[wp-hackers] delete_user action hook

Brian Layman Brian at TheCodeCave.com
Mon Jul 17 20:08:33 GMT 2006

C >>> Windows a backwards-compatible OS. Can you say "bloat"? I knew you
C >>> could!
MM>> Yes, but it also could be argued it's why they won the hearts of
MM>> developers over Apple in the early 90s.
CG> but that doesn't seem to be the real reason...

I'm in the middle of another similar discussion on the ZTree support forum
because a guy there has a bunch of stable Win95a machines and a feature
introduced to Ztree yesterday requires a DLL that was released as part of
IE4 in 1997. (http://www.ztw3.com/forum/forum.cgi?read=80424) He doesn't
want to update his machines and is asking the lead developer (Kim) to add
extra version check for a SHELL32 release from 9 years ago.  It's odd that
backwards compatibility should come up again here, on the same day.

Guru, you must be too young to remember the early days when you had to keep
a 5 1/4 for DOS 5 (for the newest programs) and one for Dos 3 (so that you
could still run your favorite programs).  The newer games (err... apps)
would run under DOS 5, but surely would not run under DOS 3.1.  Some even
required IBM PC DOS specifically (and/or that bit of BASIC built into true a
IBM PC's EPROM) and would never accept Compaq DOS.  

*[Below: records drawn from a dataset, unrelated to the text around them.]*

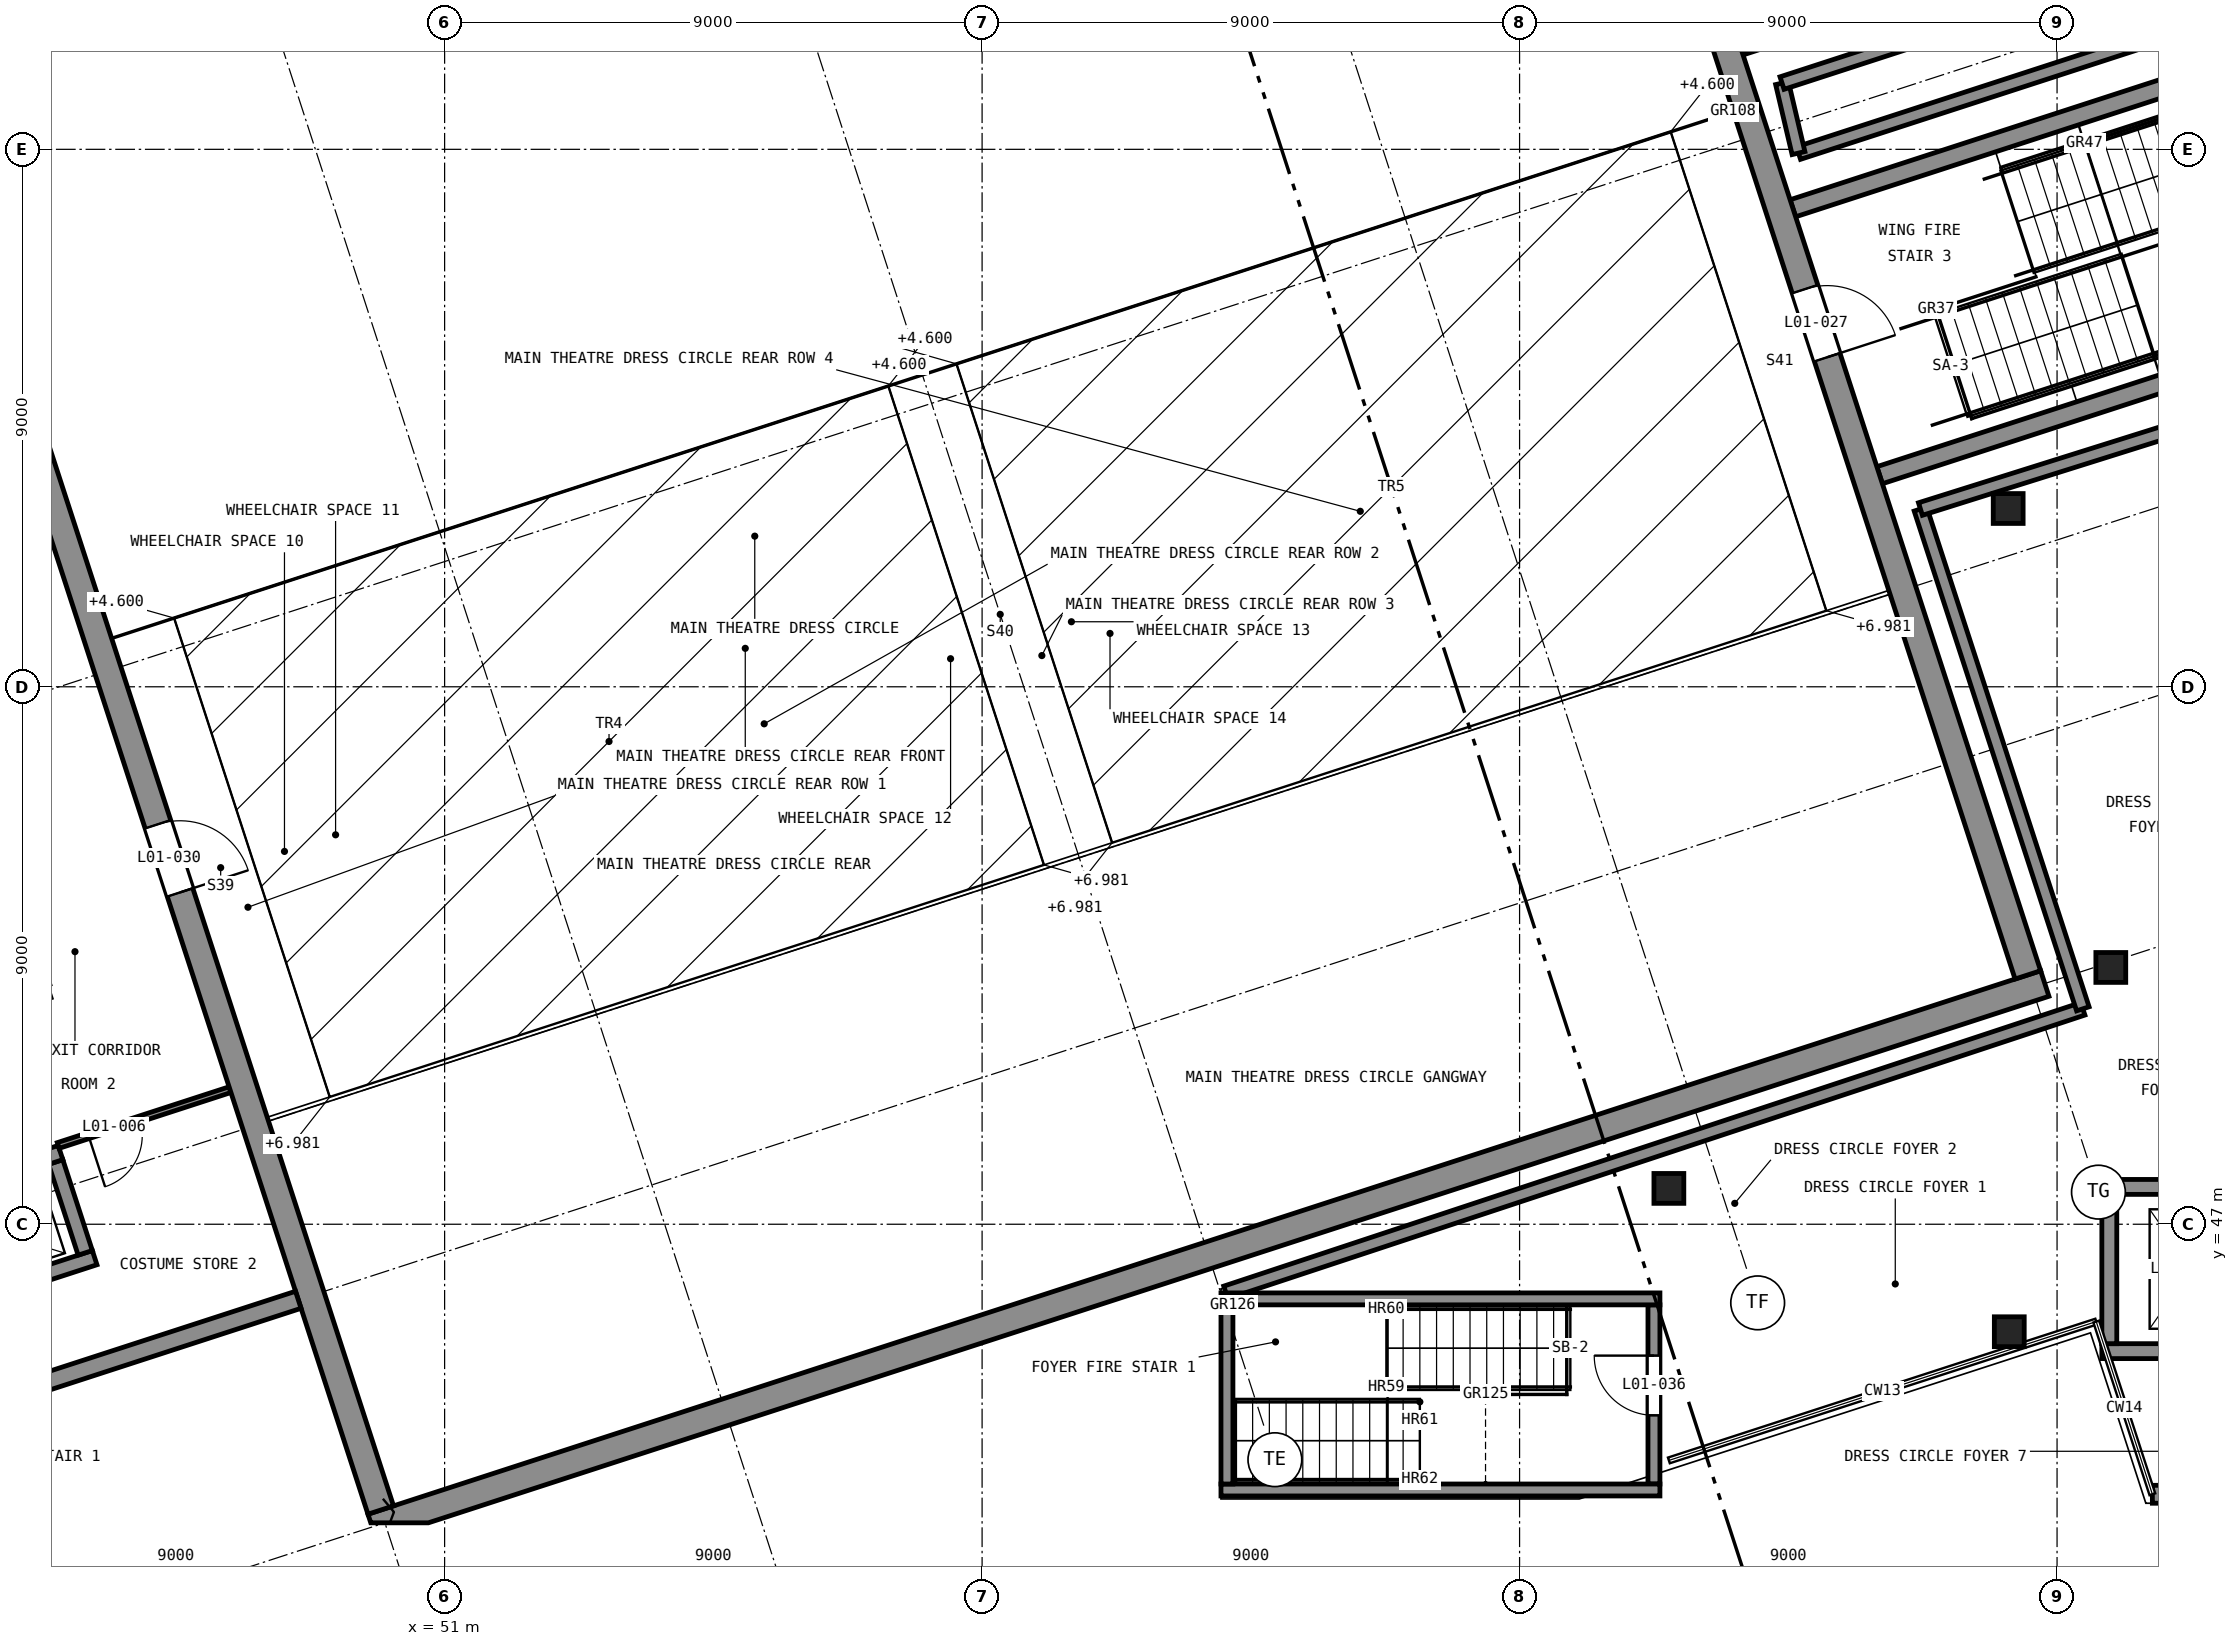
"""IFC4 building model, lengths in metres.
Left out: names, types, materials, properties, quantities, classifications, styles, units other than length and angle.
Written with IfcOpenShell. Run it as: python <this file> out.ifc"""

import sys

from ifc_helpers import new_model, si_unit, direction, frame, frame_2d, origin, origin_2d, place, context, subcontext, project, spatial, rectangle, extrude, element, fill, save


model = new_model("IFC4")
c1 = context("Model", 3, precision=1e-05, world=origin(), true_north=direction((0.0, 1.0)))
c2 = subcontext(c1, "Body", "Model", "MODEL_VIEW")
j1 = project(units=[si_unit("LENGTHUNIT", "METRE"), si_unit("PLANEANGLEUNIT", "RADIAN")], contexts=[c1])
p1 = place(None, origin())
s1 = spatial("IfcSite", under=j1, at=p1, CompositionType="ELEMENT")
p2 = place(p1, origin())
s2 = spatial("IfcBuilding", under=s1, at=p2, CompositionType="ELEMENT")
p3 = place(p2, frame((0.0, 0.0, 5.5)))
s3 = spatial("IfcBuildingStorey", under=s2, at=p3, CompositionType="ELEMENT", Elevation=5.5)
p4 = place(p3, frame((49.786, 41.93, 0.0), z_axis=(0.0, 0.0, 1.0), x_axis=(0.951055937194, 0.309018776661, 0.0)))
e1 = element("IfcWall", 1, at=p4, inside=s3, PredefinedType="SHEAR", context=c2, shape_type="SweptSolid", body=[
    extrude(rectangle(XDim=29.45, YDim=0.45, at=frame_2d((14.725, 0.0))), origin(), (0.0, 0.0, 1.0), 4.0),
])
p5 = place(p3, frame((49.93, 42.214, 0.0), z_axis=(0.0, 0.0, 1.0), x_axis=(-0.309016215614, 0.95105676933, 0.0)))
e2 = element("IfcWall", 2, at=p5, inside=s3, PredefinedType="SHEAR", context=c2, shape_type="SweptSolid", body=[
    extrude(rectangle(XDim=27.975, YDim=0.45, at=frame_2d((13.988, 0.0))), origin(), (0.0, 0.0, 1.0), 4.0),
])
p6 = place(p5, frame((10.875, 0.0, 0.0)))
e3 = element("IfcOpeningElement", 3, at=p6, cuts=e2, PredefinedType="OPENING", context=c2, shape_type="SweptSolid", body=[
    extrude(rectangle(XDim=1.2, YDim=2.1, at=frame_2d((0.6, 1.05))), frame((0.0, 0.235, 0.0), z_axis=(0.0, -1.0, 0.0), x_axis=(1.0, 0.0, 0.0)), (0.0, 0.0, 1.0), 0.47),
])
p7 = place(p3, frame((77.511, 51.176, 0.0), z_axis=(0.0, 0.0, 1.0), x_axis=(-0.309018780445, 0.951055935964, 0.0)))
e4 = element("IfcWall", 4, at=p7, inside=s3, PredefinedType="SHEAR", context=c2, shape_type="SweptSolid", body=[
    extrude(rectangle(XDim=27.975, YDim=0.45, at=frame_2d((13.987, 0.0))), origin(), (0.0, 0.0, 1.0), 4.0),
])
p8 = place(p7, frame((10.875, 0.0, 0.0)))
e5 = element("IfcOpeningElement", 5, at=p8, cuts=e4, PredefinedType="OPENING", context=c2, shape_type="SweptSolid", body=[
    extrude(rectangle(XDim=1.2, YDim=2.1, at=frame_2d((0.6, 1.05))), frame((0.0, 0.235, 0.0), z_axis=(0.0, -1.0, 0.0), x_axis=(1.0, 0.0, 0.0)), (0.0, 0.0, 1.0), 0.47),
])
p9 = place(p3, frame((48.55, 45.735, 0.0), z_axis=(0.0, 0.0, 1.0), x_axis=(-0.951061216338, -0.309002528757, 0.0)))
e6 = element("IfcWall", 6, at=p9, inside=s3, PredefinedType="SOLIDWALL", context=c2, shape_type="SweptSolid", body=[
    extrude(rectangle(XDim=15.925, YDim=0.3, at=frame_2d((7.962, 0.0))), origin(), (0.0, 0.0, 1.0), 4.0),
])
p10 = place(p3, frame((75.029, 59.543, 0.0), z_axis=(0.0, 0.0, 1.0), x_axis=(0.951057649576, 0.309013506475, 0.0)))
e7 = element("IfcWall", 7, at=p10, inside=s3, PredefinedType="SOLIDWALL", context=c2, shape_type="SweptSolid", body=[
    extrude(rectangle(XDim=7.075, YDim=0.3, at=frame_2d((3.538, 0.0))), origin(), (0.0, 0.0, 1.0), 3.7),
])
p11 = place(p3, frame((80.305, 66.199, 0.0), z_axis=(0.0, 0.0, 1.0), x_axis=(-0.951054354327, -0.309023648149, 0.0)))
e8 = element("IfcWall", 8, at=p11, inside=s3, PredefinedType="SOLIDWALL", context=c2, shape_type="SweptSolid", body=[
    extrude(rectangle(XDim=7.075, YDim=0.3, at=frame_2d((3.537, 0.0))), origin(), (0.0, 0.0, 1.0), 3.7),
])
p12 = place(p3, frame((42.382, 45.544, 0.0), z_axis=(0.0, 0.0, 1.0), x_axis=(0.951071801089, 0.308969948659, 0.0)))
e9 = element("IfcWall", 9, at=p12, inside=s3, PredefinedType="SHEAR", context=c2, shape_type="SweptSolid", body=[
    extrude(rectangle(XDim=2.9, YDim=0.25, at=frame_2d((1.45, 0.0))), origin(), (0.0, 0.0, 1.0), 4.0),
])
p13 = place(p3, frame((44.982, 46.521, 0.0), z_axis=(0.0, 0.0, 1.0), x_axis=(-0.308986014439, 0.951066581729, 0.0)))
e10 = element("IfcWall", 10, at=p13, inside=s3, PredefinedType="SHEAR", context=c2, shape_type="SweptSolid", body=[
    extrude(rectangle(XDim=1.6, YDim=0.25, at=frame_2d((0.8, 0.0))), origin(), (0.0, 0.0, 1.0), 4.0),
])
p14 = place(p3, frame((44.568, 48.2, 0.0), z_axis=(0.0, 0.0, 1.0), x_axis=(-0.951047059821, -0.309046096893, 0.0)))
e11 = element("IfcWall", 11, at=p14, inside=s3, PredefinedType="SHEAR", context=c2, shape_type="SweptSolid", body=[
    extrude(rectangle(XDim=2.9, YDim=0.25, at=frame_2d((1.45, 0.0))), origin(), (0.0, 0.0, 1.0), 4.0),
])
p15 = place(p14, frame((0.9, 0.0, 0.0)))
e12 = element("IfcOpeningElement", 12, at=p15, cuts=e11, PredefinedType="OPENING", context=c2, shape_type="SweptSolid", body=[
    extrude(rectangle(XDim=1.1, YDim=2.1, at=frame_2d((0.55, 1.05))), frame((0.0, 0.135, 0.0), z_axis=(0.0, -1.0, 0.0), x_axis=(1.0, 0.0, 0.0)), (0.0, 0.0, 1.0), 0.27),
])
p16 = place(p3, frame((72.727, 66.708, 0.0), z_axis=(0.0, 0.0, 1.0), x_axis=(0.951087187149, 0.308922583248, 0.0)))
e13 = element("IfcWall", 13, at=p16, inside=s3, PredefinedType="SHEAR", context=c2, shape_type="SweptSolid", body=[
    extrude(rectangle(XDim=2.6, YDim=0.25, at=frame_2d((1.3, 0.0))), origin(), (0.0, 0.0, 1.0), 4.0),
])
for number, where, z_axis, x_axis in (
    (14, (64.0, 42.55, 0.0), (0.0, 0.0, 1.0), (1.0, 0.0, 0.0)),
    (15, (71.35, 45.75, 0.0), (0.0, 0.0, 1.0), (-1.0, 0.0, 0.0)),
):
    element("IfcWall", number, at=place(p3, frame(where, z_axis=z_axis, x_axis=x_axis)), inside=s3, PredefinedType="SHEAR", context=c2, shape_type="SweptSolid", body=[
        extrude(rectangle(XDim=7.35, YDim=0.2, at=frame_2d((3.675, 0.0))), origin(), (0.0, 0.0, 1.0), 4.0),
    ])
p17 = place(p3, frame((64.1, 45.65, 0.0), z_axis=(0.0, 0.0, 1.0), x_axis=(0.0, -1.0, 0.0)))
e16 = element("IfcWall", 16, at=p17, inside=s3, PredefinedType="SHEAR", context=c2, shape_type="SweptSolid", body=[
    extrude(rectangle(XDim=3.0, YDim=0.2, at=frame_2d((1.5, 0.0))), origin(), (0.0, 0.0, 1.0), 4.0),
])
p18 = place(p3, frame((71.25, 42.65, 0.0), z_axis=(0.0, 0.0, 1.0), x_axis=(0.0, 1.0, 0.0)))
e17 = element("IfcWall", 17, at=p18, inside=s3, PredefinedType="SHEAR", context=c2, shape_type="SweptSolid", body=[
    extrude(rectangle(XDim=3.0, YDim=0.2, at=frame_2d((1.5, 0.0))), origin(), (0.0, 0.0, 1.0), 4.0),
])
p19 = place(p18, frame((1.15, 0.0, 0.0)))
e18 = element("IfcOpeningElement", 18, at=p19, cuts=e17, PredefinedType="OPENING", context=c2, shape_type="SweptSolid", body=[
    extrude(rectangle(XDim=1.0, YDim=2.1, at=frame_2d((0.5, 1.05))), frame((0.0, 0.11, 0.0), z_axis=(0.0, -1.0, 0.0), x_axis=(1.0, 0.0, 0.0)), (0.0, 0.0, 1.0), 0.22),
])
for number, where, z_axis, x_axis in (
    (19, (78.75, 44.875, 0.0), (0.0, 0.0, 1.0), (1.0, 0.0, 0.0)),
    (20, (81.75, 47.625, 0.0), (0.0, 0.0, 1.0), (-1.0, 0.0, 0.0)),
):
    element("IfcWall", number, at=place(p3, frame(where, z_axis=z_axis, x_axis=x_axis)), inside=s3, PredefinedType="SHEAR", context=c2, shape_type="SweptSolid", body=[
        extrude(rectangle(XDim=3.0, YDim=0.25, at=frame_2d((1.5, 0.0))), origin(), (0.0, 0.0, 1.0), 4.0),
    ])
p20 = place(p3, frame((78.875, 47.5, 0.0), z_axis=(0.0, 0.0, 1.0), x_axis=(0.0, -1.0, 0.0)))
e21 = element("IfcWall", 21, at=p20, inside=s3, PredefinedType="SHEAR", context=c2, shape_type="SweptSolid", body=[
    extrude(rectangle(XDim=2.5, YDim=0.25, at=frame_2d((1.25, 0.0))), origin(), (0.0, 0.0, 1.0), 4.0),
])
for number, where, z_axis, x_axis in (
    (22, (77.2, 45.2, 0.0), (0.0, 0.0, 1.0), (1.0, 0.0, 0.0)),
    (23, (71.5, 47.6, 0.0), (0.0, 0.0, 1.0), (1.0, 0.0, 0.0)),
    (24, (78.9, 51.3, 0.0), (0.0, 0.0, 1.0), (1.0, 0.0, 0.0)),
    (25, (77.182, 58.985, 0.0), (0.0, 0.0, 1.0), (1.0, 0.0, 0.0)),
):
    element("IfcColumn", number, at=place(p3, frame(where, z_axis=z_axis, x_axis=x_axis)), inside=s3, PredefinedType="COLUMN", context=c2, shape_type="SweptSolid", body=[
        extrude(rectangle(XDim=0.5, YDim=0.5, at=origin_2d()), origin(), (0.0, 0.0, 1.0), 4.0),
    ])
p21 = place(p3, frame((79.596, 42.478, 0.0), z_axis=(0.0, 0.0, 1.0), x_axis=(1.0, 0.0, 0.0)))
e26 = element("IfcWall", 26, at=p21, inside=s3, PredefinedType="SOLIDWALL", context=c2, shape_type="SweptSolid", body=[
    extrude(rectangle(XDim=2.941, YDim=0.3, at=frame_2d((1.471, 0.0))), origin(), (0.0, 0.0, 1.0), 3.7),
])
p22 = place(p3, frame((64.081, 45.859, 0.0), z_axis=(0.0, 0.0, 1.0), x_axis=(0.949388338269, 0.314104732786, 0.0)))
e27 = element("IfcWall", 27, at=p22, inside=s3, PredefinedType="SOLIDWALL", context=c2, shape_type="SweptSolid", body=[
    extrude(rectangle(XDim=15.116, YDim=0.22, at=frame_2d((7.558, 0.0))), origin(), (0.0, 0.0, 1.0), 3.7),
])
p23 = place(p3, frame((78.432, 50.607, 0.0), z_axis=(0.0, 0.0, 1.0), x_axis=(-0.309027731765, 0.951053027439, 0.0)))
e28 = element("IfcWall", 28, at=p23, inside=s3, PredefinedType="SOLIDWALL", context=c2, shape_type="SweptSolid", body=[
    extrude(rectangle(XDim=8.8, YDim=0.22, at=frame_2d((4.4, 0.0))), origin(), (0.0, 0.0, 1.0), 3.7),
])
p24 = place(p3, frame((75.712, 58.977, 0.0), z_axis=(0.0, 0.0, 1.0), x_axis=(0.954020604523, 0.299741031802, 0.0)))
e29 = element("IfcWall", 29, at=p24, inside=s3, PredefinedType="SOLIDWALL", context=c2, shape_type="SweptSolid", body=[
    extrude(rectangle(XDim=7.271, YDim=0.22, at=frame_2d((3.635, 0.0))), origin(), (0.0, 0.0, 1.0), 3.7),
])
p25 = place(p3, frame((80.613, 67.193, 0.0), z_axis=(0.0, 0.0, 1.0), x_axis=(-0.951057168147, -0.309014988174, 0.0)))
e30 = element("IfcWall", 30, at=p25, inside=s3, PredefinedType="SOLIDWALL", context=c2, shape_type="SweptSolid", body=[
    extrude(rectangle(XDim=7.3, YDim=0.22, at=frame_2d((3.65, 0.0))), origin(), (0.0, 0.0, 1.0), 3.7),
])
p26 = place(p3, frame((73.67, 64.937, 0.0), z_axis=(0.0, 0.0, 1.0), x_axis=(-0.228915017266, 0.973446410888, 0.0)))
e31 = element("IfcWall", 31, at=p26, inside=s3, PredefinedType="SOLIDWALL", context=c2, shape_type="SweptSolid", body=[
    extrude(rectangle(XDim=1.204, YDim=0.22, at=frame_2d((0.602, 0.0))), origin(), (0.0, 0.0, 1.0), 3.7),
])
p27 = place(p3, frame((73.395, 66.109, 0.0), z_axis=(0.0, 0.0, 1.0), x_axis=(0.951047059821, 0.309046096893, 0.0)))
e32 = element("IfcWall", 32, at=p27, inside=s3, PredefinedType="SOLIDWALL", context=c2, shape_type="SweptSolid", body=[
    extrude(rectangle(XDim=2.9, YDim=0.22, at=frame_2d((1.45, 0.0))), origin(), (0.0, 0.0, 1.0), 3.7),
])
p28 = place(p3, frame((44.53, 48.319, 0.0), z_axis=(0.0, 0.0, 1.0), x_axis=(0.951053046121, 0.30902767427, 0.0)))
e33 = element("IfcWall", 33, at=p28, inside=s3, PredefinedType="PARTITIONING", context=c2, shape_type="SweptSolid", body=[
    extrude(rectangle(XDim=3.025, YDim=0.1, at=frame_2d((1.512, 0.0))), origin(), (0.0, 0.0, 1.0), 3.7),
])
p29 = place(p28, frame((0.533, 0.0, 0.0)))
e34 = element("IfcOpeningElement", 34, at=p29, cuts=e33, PredefinedType="OPENING", context=c2, shape_type="SweptSolid", body=[
    extrude(rectangle(XDim=0.9, YDim=2.1, at=frame_2d((0.45, 1.05))), frame((0.0, 0.06, 0.0), z_axis=(0.0, -1.0, 0.0), x_axis=(1.0, 0.0, 0.0)), (0.0, 0.0, 1.0), 0.12),
])
p30 = place(p29, frame((0.9, 0.0, 0.0), z_axis=(0.0, 0.0, 1.0), x_axis=(-1.0, 0.0, 0.0)))
e35 = element("IfcDoor", 35, at=p30, inside=s3, OperationType="SINGLE_SWING_LEFT", PredefinedType="DOOR", context=c2, shape_type="SweptSolid", body=[
    extrude(rectangle(XDim=0.9, YDim=2.1, at=frame_2d((0.45, 1.05))), frame((0.0, 0.025, 0.0), z_axis=(0.0, -1.0, 0.0), x_axis=(1.0, 0.0, 0.0)), (0.0, 0.0, 1.0), 0.05),
])
fill(e34, e35)
p31 = place(p8, frame((1.2, 0.0, 0.0), z_axis=(0.0, 0.0, 1.0), x_axis=(-1.0, 0.0, 0.0)))
e36 = element("IfcDoor", 36, at=p31, inside=s3, OperationType="SINGLE_SWING_LEFT", PredefinedType="DOOR", context=c2, shape_type="SweptSolid", body=[
    extrude(rectangle(XDim=1.2, YDim=2.1, at=frame_2d((0.6, 1.05))), frame((0.0, 0.025, 0.0), z_axis=(0.0, -1.0, 0.0), x_axis=(1.0, 0.0, 0.0)), (0.0, 0.0, 1.0), 0.05),
])
fill(e5, e36)
p32 = place(p6, frame((1.2, 0.0, 0.0), z_axis=(0.0, 0.0, 1.0), x_axis=(-1.0, 0.0, 0.0)))
e37 = element("IfcDoor", 37, at=p32, inside=s3, OperationType="SINGLE_SWING_LEFT", PredefinedType="DOOR", context=c2, shape_type="SweptSolid", body=[
    extrude(rectangle(XDim=1.2, YDim=2.1, at=frame_2d((0.6, 1.05))), frame((0.0, 0.025, 0.0), z_axis=(0.0, -1.0, 0.0), x_axis=(1.0, 0.0, 0.0)), (0.0, 0.0, 1.0), 0.05),
])
fill(e3, e37)
p33 = place(p19, origin())
e38 = element("IfcDoor", 38, at=p33, inside=s3, OperationType="SINGLE_SWING_LEFT", PredefinedType="DOOR", context=c2, shape_type="SweptSolid", body=[
    extrude(rectangle(XDim=1.0, YDim=2.1, at=frame_2d((0.5, 1.05))), frame((0.0, 0.025, 0.0), z_axis=(0.0, -1.0, 0.0), x_axis=(1.0, 0.0, 0.0)), (0.0, 0.0, 1.0), 0.05),
])
fill(e18, e38)
save(model, sys.argv[1])

An expensive ATI Sound card that was worthless for Windows 3.1 because the
3.0 drivers would not work on 3.1 and there was no such thing as a generic
sound card driver.  And of course Windows 3.1 would not run under DR DOS.
Oh and you had to have 1 more disk for DOS 2 so you could play Wolfenstein
which only worked on DOS 2 and apples (hang on.. OK HERE:
http://www.thecodecave.com/images/CW5_25.jpg.  At #629 my disk was pretty
low in the run. I wonder how much it is worth?  And I still have the DOS
version needed: http://www.thecodecave.com/images/CWDos2_5_25.jpg).  Let's
forget the "True Compatible"/"100% compatible"/Clone/Tandy backwards
compatibility issues. But I will mention the backwards incompatibility
issues introduced by the PC Jr, the 80286 and the PS/2s each of which lopped
of huge chunks of earlier software and each of which were considered
failures as platforms.

All of this was nothing new and Apple and the new thing called a Mac were no

It was only when the 80386 came out and the 80486 was largely backwards
compatible, that the PC started making real strides into the consumer market
and making up the loads of lost ground in the war against Apple and the C64.
With MAC, even though it was popular, you had to scrap a lot of your work
with every new machine/OS that came out.  With the PC, you didn't have this
cost.  The killer stroke was when 95 said (and actually achieved) "I will
handle all communication between you and the hardware.  You don't need to
talk directly to any of memory/video/hardware."  (3 tried to do this too but
largely failed)  That not only meant that you no longer need to care if a
Trident 8900c separates even and odd image rows in its memory while a Tseng
Labs card did not.  It also meant that the OS could allow programs to be
backwards compatible to old hardware like the Trident 8900 and Diamond
Stealth which still work under XP.

The non-butchered form of Occam's razor, "entities should not be multiplied
beyond necessity", applies here.  Matt's right that Microsoft made life
easier for the developers and the users alike by telling each of them "You
don't have to change what you are doing".  They did the same thing by going
multilingual.  Like rivers and electricity, the masses go where there is the
least resistance.  Occam's razor doesn't show you the BEST or RIGHT
solution, just the solution that will win out most of the time.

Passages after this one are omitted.